Monday, September 24, 2012

Review: Wonder Woman, volume 1: Blood

We kick off my New 52 reviews with the first volume of Brian Azzarello's run on Wonder Woman. And boy howdy, is this book polarizing. Check the message boards online-- either Azzarello is an evil monstrous being who has irrevocably ruined Wonder Woman and the Amazons, or he is a visionary who has finally made Wonder Woman relevant. Let's take a look, shall we?

I'll just get this out of the way right now: I liked this book, and I don't think that Azzarello has committed an awful crime with it. That being said, I understand why fans of old Wonder Woman are upset: he origin has changed, her personality has been altered, and the Amazons are much more violent than before. So yeah, lot's of big changes with this comic.

And yet... I've been seeing people call new Wonder Woman "Kratos with tits." Come on guys, she's not that bad.

Wonder Woman takes things in a slightly different direction than one may expect. This is, in many ways, a modernized Greek myth. The gods dick around with mortals, Zeus is a shameless womanizer, and Hera is vengeful and angry. Basically, the gods are as they should be. I also love their new designs. Each god's appearance is human enough that we can understand their emotions, but inhuman enough that we never forget that these beings are, well, inhuman.
Hermes the messenger god, seen here totally ripping off Moses.
Wonder Woman, a.k.a. Princess Diana, is the daughter of Hippolyte, the queen of the Amazons, a group of apparently immortal women who live in a magical land called Paradise Island (or Themyscira). Traditionally, Diana was formed from clay and then given life by the goddesses of the Greek pantheon. In the New 52 version, however, she is... um... not.

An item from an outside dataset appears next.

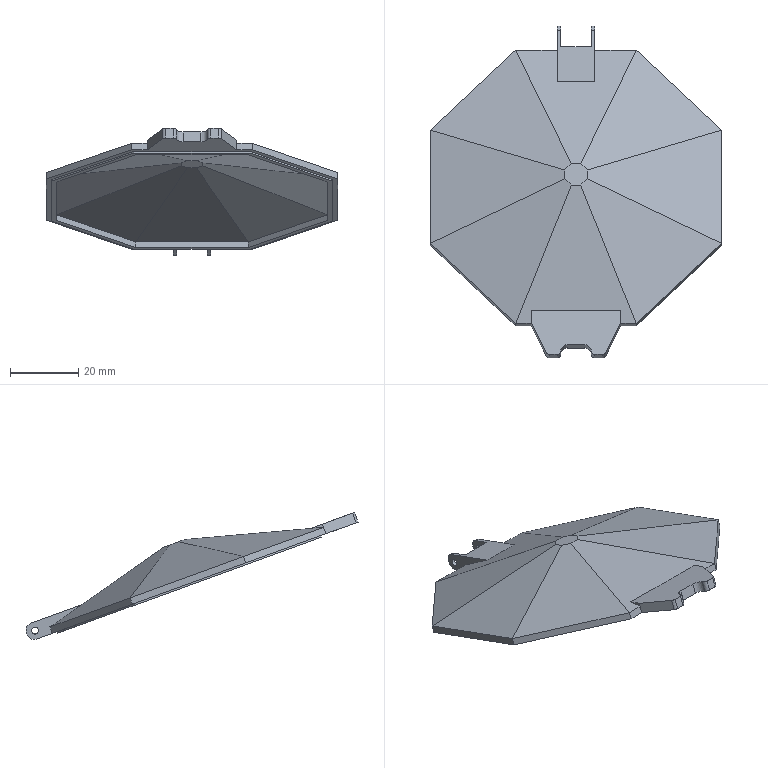Component | NX | MODEL26 | 1 solid | 74 faces | volume 11031 mm3 | plane 62 | cylinder 12 | commonest cylinder face diameters 2 x6 4 x6

Oh, they acknowledge the clay story, but it's revealed only one issue later to be a lie. Hippolyte concocted the story in order to protect Diana from Hera's wrath, as in actuality, Diana was the lovechild of Hippolyte and Zeus, which is oddly fitting, since Diana is already protecting a young woman being hounded by Hera for carrying Zeus's newest bastard, and this revelation makes it more personal.

It also makes her very pissed. Diana does not take the news well.
It doesn't help that the goddess of strife and discord is a terrible people person.
And right here, we also see why many classic Wonder Woman fans are so pissed. Wonder Woman is no longer unique. She is now tied to Zeus, a guy who, if you know anything at all about Greek mythology, you know has fathered enough bastard children to put Genghis Khan to shame. There's also the fact that the "daughter of Zeus" origin was already claimed by someone in the DC universe-- Wonder Girl. That's right, they gave Wonder Woman her sidekick's origin.

However, I can see what Azzarello is aiming for here. He wants to tell a story that's very deeply entrenched in Greek Mythology, and in Greek myth, being a hero pretty much meant that a god had to be your parent. Making Wonder Woman the daughter of Zeus emphasizes her mythological theme. This version is clearly not meant to be a modern hero as we understand, but instead a Classical Greek hero (hence why this new Wonder Woman is a bit more prone to violence).

I can see why people would be upset about this. Wonder Woman and the Amazons have always been about peace, after all... but the whole paradise thing? That's a Christian concept. Since this new version is focused more on classical mythology, I don't mind that classical values are being applied.

This is a well done story. The interactions between Diana and the other characters is just great. I love her playful teasing with Zola (the pregnant girl she's protecting) and Hermes. I love how she reacts to her life being a lie. I just love this whole story.

And also, I love the art. Cliff Chiang's artwork in this comic is absolutely gorgeous and beautifully stylish. The last two issues in this volume have a different guy doing the artwork, and maybe if they had worked on it from the start I wouldn't have minded, but next to Chiang's drawings, the art in issues 5 and 6 look like crap.
Is this not one of the most stylishly badass covers ever?
Also, Wonder Woman is actually colored like someone from the Mediterranean, so there's that too.
I should also note that this series can get pretty gory at times. Hera begins her assault on the pregnant woman by chopping off some horses heads, and we are then treated to a seen of human torsos crawling out of the bleeding stumps to become centaurs. Admittedly, that's a pretty imaginative way to make centaurs, but this is not a comic for the squeamish (why do I get the feeling I'll be saying that a lot as I review the New 52?).

That's all I have to say. I can't really recommend for or against this comic because whether or not you enjoy it depends a lot on what you want out of a wonder woman story. I will say, however, that I really enjoyed this and will most definitely get volume two when it comes out in January.